Sweet Heart
「でも、ちょっと待って。」
「へっ?」
すると葵君は少し怒気の入った声で私の言葉を遮って立ち上がり、
私の横を通り過ぎて、サボテンが植えられている植木鉢の前に立った。
「あのクソ親父め…。」
そう言って、葵君はテーブルの下や、テレビの裏側、お風呂場、部屋などいろんな所を歩き回る。
まるで何かを探しているように…。
私は葵君の行動に首を傾げながら見ていた。
「ごめん。電話するから待って。」
「うん。

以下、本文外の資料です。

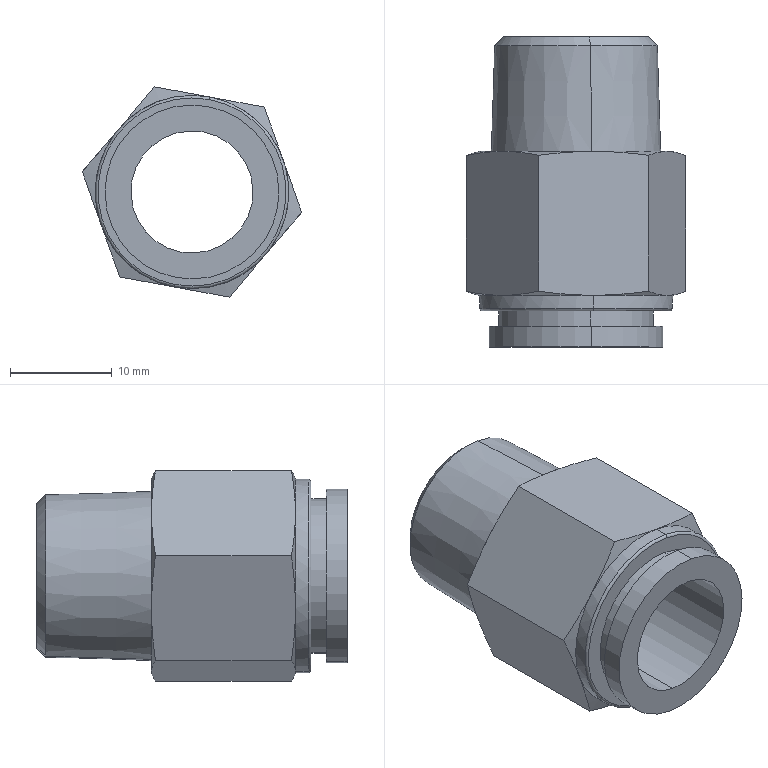Component | SolidWorks | A4-MLCNLSS12-3-L-1 | 1 solid | 37 faces | volume 4476 mm3 | cone 16 | plane 11 | cylinder 8 | torus 2 | commonest cylinder face diameters 12 x2 17.1 x2 15.2 x2 19 x2
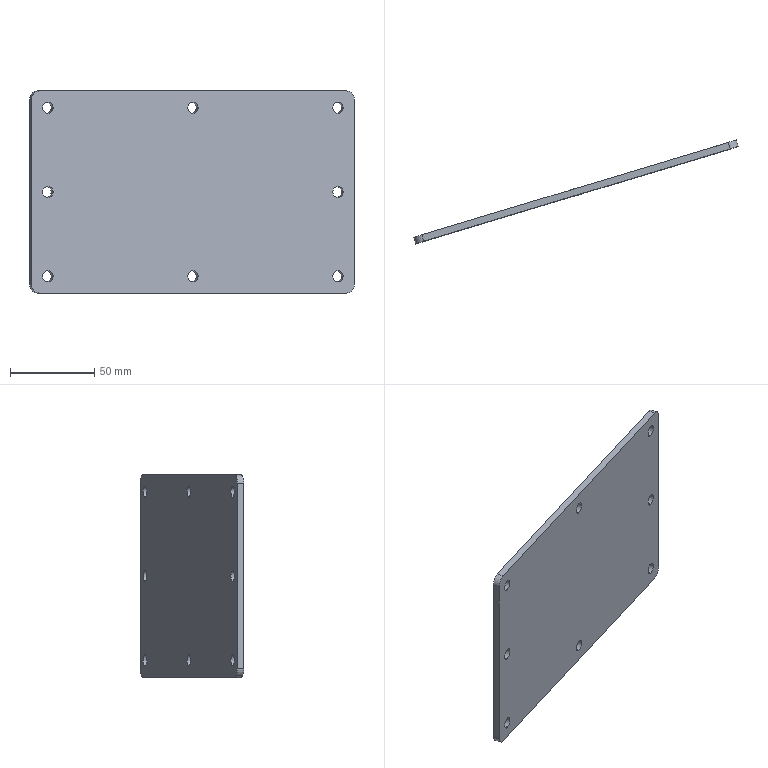Component | SolidWorks | SightHoleCoverA-1 | 1 solid | 26 faces | box 192.63 x 61.61 x 120 mm | volume 94852 mm3 | cylinder 20 | plane 6 | commonest cylinder face diameters 6.5 x16 10 x4
build123d program:
from build123d import *

# Parameters (mm, degrees)
SKETCH1_W                  = 200
SKETCH1_H                  = 120
BOSS_EXTRUDE1_DEPTH        = 4
F_6_5_6_5_DIAMETER_HOLE1_D = 6.5
FILLET1_R                  = 5


with BuildPart() as part:
    # Sketch1 → Boss-Extrude1 (new body)
    with BuildSketch(Plane(origin=(0, 0, 0), x_dir=(1, 0, 0), z_dir=(0, 1, 0))):
        Rectangle(SKETCH1_W, SKETCH1_H)
    extrude(amount=-BOSS_EXTRUDE1_DEPTH)

    # 6.5 _6.5_ Diameter Hole1 (through all)
    with Locations(Plane(origin=(0, -4, 0), x_dir=(-1, 0, 0), z_dir=(0, -1, 0))):
        with Locations((-90, 50), (0, 50), (90, 50), (90, 0), (-90, 0), (-90, -50), (0, -50), (90, -50)):
            Hole(F_6_5_6_5_DIAMETER_HOLE1_D / 2)

    # Fillet1
    fillet1_edges = [part.edges().sort_by_distance(p)[0] for p in [
        (-100, -2, 60),
        (-100, -2, -60),
        (100, -2, -60),
        (100, -2, 60),
    ]]
    fillet(fillet1_edges, radius=FILLET1_R)


solid = part.part

# Placed as in the assembly
solid = solid.moved(Location((-162.617, 165.059, 0), (180, 0, -16.791)))
STEP:
#1=COLOUR_RGB('',0.7922,0.8196,0.9333);
#2=FILL_AREA_STYLE_COLOUR('',#1);
#3=FILL_AREA_STYLE('',(#2));
#4=SURFACE_STYLE_FILL_AREA(#3);
#5=SURFACE_SIDE_STYLE('',(#4));
#6=SURFACE_STYLE_USAGE(.BOTH.,#5);
#7=PRESENTATION_STYLE_ASSIGNMENT((#6));
#8=CARTESIAN_POINT('',(-3.056,7.673,-1.841));
#9=VERTEX_POINT('',#8);
#10=CARTESIAN_POINT('',(-3.056,7.673,-2.096));
#11=VERTEX_POINT('',#10);
#12=CARTESIAN_POINT('',(-3.056,7.673,-1.969));
#13=DIRECTION('',(0.2889,-0.9574,0.));
#14=DIRECTION('',(0.,0.,-1.));
#15=AXIS2_PLACEMENT_3D('',#12,#13,#14);
#16=CIRCLE('',#15,0.128);
#17=EDGE_CURVE('',#9,#11,#16,.T.);
#18=ORIENTED_EDGE('',*,*,#17,.F.);
#19=CARTESIAN_POINT('',(-3.01,7.522,-1.841));
#20=VERTEX_POINT('',#19);
#21=CARTESIAN_POINT('',(-3.01,7.522,-1.841));
#22=DIRECTION('',(0.2889,-0.9574,0.));
#23=VECTOR('',#22,39.37);
#24=LINE('',#21,#23);
#25=EDGE_CURVE('',#9,#20,#24,.T.);
#26=ORIENTED_EDGE('',*,*,#25,.T.);
#27=CARTESIAN_POINT('',(-3.01,7.522,-2.096));
#28=VERTEX_POINT('',#27);
#29=CARTESIAN_POINT('',(-3.01,7.522,-1.969));
#30=DIRECTION('',(0.2889,-0.9574,0.));
#31=DIRECTION('',(0.,0.,-1.));
#32=AXIS2_PLACEMENT_3D('',#29,#30,#31);
#33=CIRCLE('',#32,0.128);
#34=EDGE_CURVE('',#20,#28,#33,.T.);
#35=ORIENTED_EDGE('',*,*,#34,.T.);
#36=CARTESIAN_POINT('',(-3.01,7.522,-2.096));
#37=DIRECTION('',(0.2889,-0.9574,0.));
#38=VECTOR('',#37,39.37);
#39=LINE('',#36,#38);
#40=EDGE_CURVE('',#11,#28,#39,.T.);
#41=ORIENTED_EDGE('',*,*,#40,.F.);
#42=EDGE_LOOP('',(#18,#26,#35,#41));
#43=FACE_OUTER_BOUND('',#42,.T.);
#44=CARTESIAN_POINT('',(-3.01,7.522,-1.969));
#45=DIRECTION('',(0.2889,-0.9574,0.));
#46=DIRECTION('',(0.,0.,-1.));
#47=AXIS2_PLACEMENT_3D('',#44,#45,#46);
#48=CYLINDRICAL_SURFACE('',#47,0.128);
#49=ADVANCED_FACE('',(#43),#48,.F.);
#50=CARTESIAN_POINT('',(-6.448,6.649,-1.841));
#51=VERTEX_POINT('',#50);
#52=CARTESIAN_POINT('',(-6.448,6.649,-2.096));
#53=VERTEX_POINT('',#52);
#54=CARTESIAN_POINT('',(-6.448,6.649,-1.969));
#55=DIRECTION('',(0.2889,-0.9574,0.));
#56=DIRECTION('',(0.,0.,-1.));
#57=AXIS2_PLACEMENT_3D('',#54,#55,#56);
#58=CIRCLE('',#57,0.128);
#59=EDGE_CURVE('',#51,#53,#58,.T.);
#60=ORIENTED_EDGE('',*,*,#59,.F.);
#61=CARTESIAN_POINT('',(-6.402,6.498,-1.841));
#62=VERTEX_POINT('',#61);
#63=CARTESIAN_POINT('',(-6.402,6.498,-1.841));
#64=DIRECTION('',(0.2889,-0.9574,0.));
#65=VECTOR('',#64,39.37);
#66=LINE('',#63,#65);
#67=EDGE_CURVE('',#51,#62,#66,.T.);
#68=ORIENTED_EDGE('',*,*,#67,.T.);
#69=CARTESIAN_POINT('',(-6.402,6.498,-2.096));
#70=VERTEX_POINT('',#69);
#71=CARTESIAN_POINT('',(-6.402,6.498,-1.969));
#72=DIRECTION('',(0.2889,-0.9574,0.));
#73=DIRECTION('',(0.,0.,-1.));
#74=AXIS2_PLACEMENT_3D('',#71,#72,#73);
#75=CIRCLE('',#74,0.128);
#76=EDGE_CURVE('',#62,#70,#75,.T.);
#77=ORIENTED_EDGE('',*,*,#76,.T.);
#78=CARTESIAN_POINT('',(-6.402,6.498,-2.096));
#79=DIRECTION('',(0.2889,-0.9574,0.));
#80=VECTOR('',#79,39.37);
#81=LINE('',#78,#80);
#82=EDGE_CURVE('',#53,#70,#81,.T.);
#83=ORIENTED_EDGE('',*,*,#82,.F.);
#84=EDGE_LOOP('',(#60,#68,#77,#83));
#85=FACE_OUTER_BOUND('',#84,.T.);
#86=CARTESIAN_POINT('',(-6.402,6.498,-1.969));
#87=DIRECTION('',(0.2889,-0.9574,0.));
#88=DIRECTION('',(0.,0.,-1.));
#89=AXIS2_PLACEMENT_3D('',#86,#87,#88);
#90=CYLINDRICAL_SURFACE('',#89,0.128);
#91=ADVANCED_FACE('',(#85),#90,.F.);
#92=CARTESIAN_POINT('',(-9.84,5.626,-1.841));
#93=VERTEX_POINT('',#92);
#94=CARTESIAN_POINT('',(-9.84,5.626,-2.096));
#95=VERTEX_POINT('',#94);
#96=CARTESIAN_POINT('',(-9.84,5.626,-1.969));
#97=DIRECTION('',(0.2889,-0.9574,0.));
#98=DIRECTION('',(0.,0.,-1.));
#99=AXIS2_PLACEMENT_3D('',#96,#97,#98);
#100=CIRCLE('',#99,0.128);
#101=EDGE_CURVE('',#93,#95,#100,.T.);
#102=ORIENTED_EDGE('',*,*,#101,.F.);
#103=CARTESIAN_POINT('',(-9.794,5.475,-1.841));
#104=VERTEX_POINT('',#103);
#105=CARTESIAN_POINT('',(-9.794,5.475,-1.841));
#106=DIRECTION('',(0.2889,-0.9574,0.));
#107=VECTOR('',#106,39.37);
#108=LINE('',#105,#107);
#109=EDGE_CURVE('',#93,#104,#108,.T.);
#110=ORIENTED_EDGE('',*,*,#109,.T.);
#111=CARTESIAN_POINT('',(-9.794,5.475,-2.096));
#112=VERTEX_POINT('',#111);
#113=CARTESIAN_POINT('',(-9.794,5.475,-1.969));
#114=DIRECTION('',(0.2889,-0.9574,0.));
#115=DIRECTION('',(0.,0.,-1.));
#116=AXIS2_PLACEMENT_3D('',#113,#114,#115);
#117=CIRCLE('',#116,0.128);
#118=EDGE_CURVE('',#104,#112,#117,.T.);
#119=ORIENTED_EDGE('',*,*,#118,.T.);
#120=CARTESIAN_POINT('',(-9.794,5.475,-2.096));
#121=DIRECTION('',(0.2889,-0.9574,0.));
#122=VECTOR('',#121,39.37);
#123=LINE('',#120,#122);
#124=EDGE_CURVE('',#95,#112,#123,.T.);
#125=ORIENTED_EDGE('',*,*,#124,.F.);
#126=EDGE_LOOP('',(#102,#110,#119,#125));
#127=FACE_OUTER_BOUND('',#126,.T.);
#128=CARTESIAN_POINT('',(-9.794,5.475,-1.969));
#129=DIRECTION('',(0.2889,-0.9574,0.));
#130=DIRECTION('',(0.,0.,-1.));
#131=AXIS2_PLACEMENT_3D('',#128,#129,#130);
#132=CYLINDRICAL_SURFACE('',#131,0.128);
#133=ADVANCED_FACE('',(#127),#132,.F.);
#134=CARTESIAN_POINT('',(-9.84,5.626,0.128));
#135=VERTEX_POINT('',#134);
#136=CARTESIAN_POINT('',(-9.84,5.626,-0.128));
#137=VERTEX_POINT('',#136);
#138=CARTESIAN_POINT('',(-9.84,5.626,0.));
#139=DIRECTION('',(0.2889,-0.9574,0.));
#140=DIRECTION('',(0.,0.,-1.));
#141=AXIS2_PLACEMENT_3D('',#138,#139,#140);
#142=CIRCLE('',#141,0.128);
#143=EDGE_CURVE('',#135,#137,#142,.T.);
#144=ORIENTED_EDGE('',*,*,#143,.F.);
#145=CARTESIAN_POINT('',(-9.794,5.475,0.128));
#146=VERTEX_POINT('',#145);
#147=CARTESIAN_POINT('',(-9.794,5.475,0.128));
#148=DIRECTION('',(0.2889,-0.9574,0.));
#149=VECTOR('',#148,39.37);
#150=LINE('',#147,#149);
#151=EDGE_CURVE('',#135,#146,#150,.T.);
#152=ORIENTED_EDGE('',*,*,#151,.T.);
#153=CARTESIAN_POINT('',(-9.794,5.475,-0.128));
#154=VERTEX_POINT('',#153);
#155=CARTESIAN_POINT('',(-9.794,5.475,0.));
#156=DIRECTION('',(0.2889,-0.9574,0.));
#157=DIRECTION('',(0.,0.,-1.));
#158=AXIS2_PLACEMENT_3D('',#155,#156,#157);
#159=CIRCLE('',#158,0.128);
#160=EDGE_CURVE('',#146,#154,#159,.T.);
#161=ORIENTED_EDGE('',*,*,#160,.T.);
#162=CARTESIAN_POINT('',(-9.794,5.475,-0.128));
#163=DIRECTION('',(0.2889,-0.9574,0.));
#164=VECTOR('',#163,39.37);
#165=LINE('',#162,#164);
#166=EDGE_CURVE('',#137,#154,#165,.T.);
#167=ORIENTED_EDGE('',*,*,#166,.F.);
#168=EDGE_LOOP('',(#144,#152,#161,#167));
#169=FACE_OUTER_BOUND('',#168,.T.);
#170=CARTESIAN_POINT('',(-9.794,5.475,0.));
#171=DIRECTION('',(0.2889,-0.9574,0.));
#172=DIRECTION('',(0.,0.,-1.));
#173=AXIS2_PLACEMENT_3D('',#170,#171,#172);
#174=CYLINDRICAL_SURFACE('',#173,0.128);
#175=ADVANCED_FACE('',(#169),#174,.F.);
#176=CARTESIAN_POINT('',(-3.056,7.673,0.128));
#177=VERTEX_POINT('',#176);
#178=CARTESIAN_POINT('',(-3.056,7.673,-0.128));
#179=VERTEX_POINT('',#178);
#180=CARTESIAN_POINT('',(-3.056,7.673,0.));
#181=DIRECTION('',(0.2889,-0.9574,0.));
#182=DIRECTION('',(0.,0.,-1.));
#183=AXIS2_PLACEMENT_3D('',#180,#181,#182);
#184=CIRCLE('',#183,0.128);
#185=EDGE_CURVE('',#177,#179,#184,.T.);
#186=ORIENTED_EDGE('',*,*,#185,.F.);
#187=CARTESIAN_POINT('',(-3.01,7.522,0.128));
#188=VERTEX_POINT('',#187);
#189=CARTESIAN_POINT('',(-3.01,7.522,0.128));
#190=DIRECTION('',(0.2889,-0.9574,0.));
#191=VECTOR('',#190,39.37);
#192=LINE('',#189,#191);
#193=EDGE_CURVE('',#177,#188,#192,.T.);
#194=ORIENTED_EDGE('',*,*,#193,.T.);
#195=CARTESIAN_POINT('',(-3.01,7.522,-0.128));
#196=VERTEX_POINT('',#195);
#197=CARTESIAN_POINT('',(-3.01,7.522,0.));
#198=DIRECTION('',(0.2889,-0.9574,0.));
#199=DIRECTION('',(0.,0.,-1.));
#200=AXIS2_PLACEMENT_3D('',#197,#198,#199);
#201=CIRCLE('',#200,0.128);
#202=EDGE_CURVE('',#188,#196,#201,.T.);
#203=ORIENTED_EDGE('',*,*,#202,.T.);
#204=CARTESIAN_POINT('',(-3.01,7.522,-0.128));
#205=DIRECTION('',(0.2889,-0.9574,0.));
#206=VECTOR('',#205,39.37);
#207=LINE('',#204,#206);
#208=EDGE_CURVE('',#179,#196,#207,.T.);
#209=ORIENTED_EDGE('',*,*,#208,.F.);
#210=EDGE_LOOP('',(#186,#194,#203,#209));
#211=FACE_OUTER_BOUND('',#210,.T.);
#212=CARTESIAN_POINT('',(-3.01,7.522,0.));
#213=DIRECTION('',(0.2889,-0.9574,0.));
#214=DIRECTION('',(0.,0.,-1.));
#215=AXIS2_PLACEMENT_3D('',#212,#213,#214);
#216=CYLINDRICAL_SURFACE('',#215,0.128);
#217=ADVANCED_FACE('',(#211),#216,.F.);
#218=CARTESIAN_POINT('',(-3.056,7.673,2.096));
#219=VERTEX_POINT('',#218);
#220=CARTESIAN_POINT('',(-3.056,7.673,1.841));
#221=VERTEX_POINT('',#220);
#222=CARTESIAN_POINT('',(-3.056,7.673,1.969));
#223=DIRECTION('',(0.2889,-0.9574,0.));
#224=DIRECTION('',(0.,0.,-1.));
#225=AXIS2_PLACEMENT_3D('',#222,#223,#224);
#226=CIRCLE('',#225,0.128);
#227=EDGE_CURVE('',#219,#221,#226,.T.);
#228=ORIENTED_EDGE('',*,*,#227,.F.);
#229=CARTESIAN_POINT('',(-3.01,7.522,2.096));
#230=VERTEX_POINT('',#229);
#231=CARTESIAN_POINT('',(-3.01,7.522,2.096));
#232=DIRECTION('',(0.2889,-0.9574,0.));
#233=VECTOR('',#232,39.37);
#234=LINE('',#231,#233);
#235=EDGE_CURVE('',#219,#230,#234,.T.);
#236=ORIENTED_EDGE('',*,*,#235,.T.);
#237=CARTESIAN_POINT('',(-3.01,7.522,1.841));
#238=VERTEX_POINT('',#237);
#239=CARTESIAN_POINT('',(-3.01,7.522,1.969));
#240=DIRECTION('',(0.2889,-0.9574,0.));
#241=DIRECTION('',(0.,0.,-1.));
#242=AXIS2_PLACEMENT_3D('',#239,#240,#241);
#243=CIRCLE('',#242,0.128);
#244=EDGE_CURVE('',#230,#238,#243,.T.);
#245=ORIENTED_EDGE('',*,*,#244,.T.);
#246=CARTESIAN_POINT('',(-3.01,7.522,1.841));
#247=DIRECTION('',(0.2889,-0.9574,0.));
#248=VECTOR('',#247,39.37);
#249=LINE('',#246,#248);
#250=EDGE_CURVE('',#221,#238,#249,.T.);
#251=ORIENTED_EDGE('',*,*,#250,.F.);
#252=EDGE_LOOP('',(#228,#236,#245,#251));
#253=FACE_OUTER_BOUND('',#252,.T.);
#254=CARTESIAN_POINT('',(-3.01,7.522,1.969));
#255=DIRECTION('',(0.2889,-0.9574,0.));
#256=DIRECTION('',(0.,0.,-1.));
#257=AXIS2_PLACEMENT_3D('',#254,#255,#256);
#258=CYLINDRICAL_SURFACE('',#257,0.128);
#259=ADVANCED_FACE('',(#253),#258,.F.);
#260=CARTESIAN_POINT('',(-6.448,6.649,2.096));
#261=VERTEX_POINT('',#260);
#262=CARTESIAN_POINT('',(-6.448,6.649,1.841));
#263=VERTEX_POINT('',#262);
#264=CARTESIAN_POINT('',(-6.448,6.649,1.969));
#265=DIRECTION('',(0.2889,-0.9574,0.));
#266=DIRECTION('',(0.,0.,-1.));
#267=AXIS2_PLACEMENT_3D('',#264,#265,#266);
#268=CIRCLE('',#267,0.128);
#269=EDGE_CURVE('',#261,#263,#268,.T.);
#270=ORIENTED_EDGE('',*,*,#269,.F.);
#271=CARTESIAN_POINT('',(-6.402,6.498,2.096));
#272=VERTEX_POINT('',#271);
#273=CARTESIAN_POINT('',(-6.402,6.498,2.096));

」
そして葵君はある所へ電話を掛けた。
凄く怒りながら…。
『もしも~し!どうした、葵~!』
「ふざけんな!このクソ親父!」
どうやら電話の相手はお父さんの五十嵐さんみたい。
なっ、何で怒ってるの!?
私は話の内容が聞こえないため、唖然としながら葵君と五十嵐さんの電話のやりとりを見ていた。
『何でそんなに怒ってるんだ?』
「当たり前だ!てめぇ…、10個も小型の隠しカメラを仕掛けやがったな!」
「隠しカメラ~!?」
何と葵君が探していたのは小型の隠しカメラだった。
じゃあ、今までの行動を全部監視されてたの!?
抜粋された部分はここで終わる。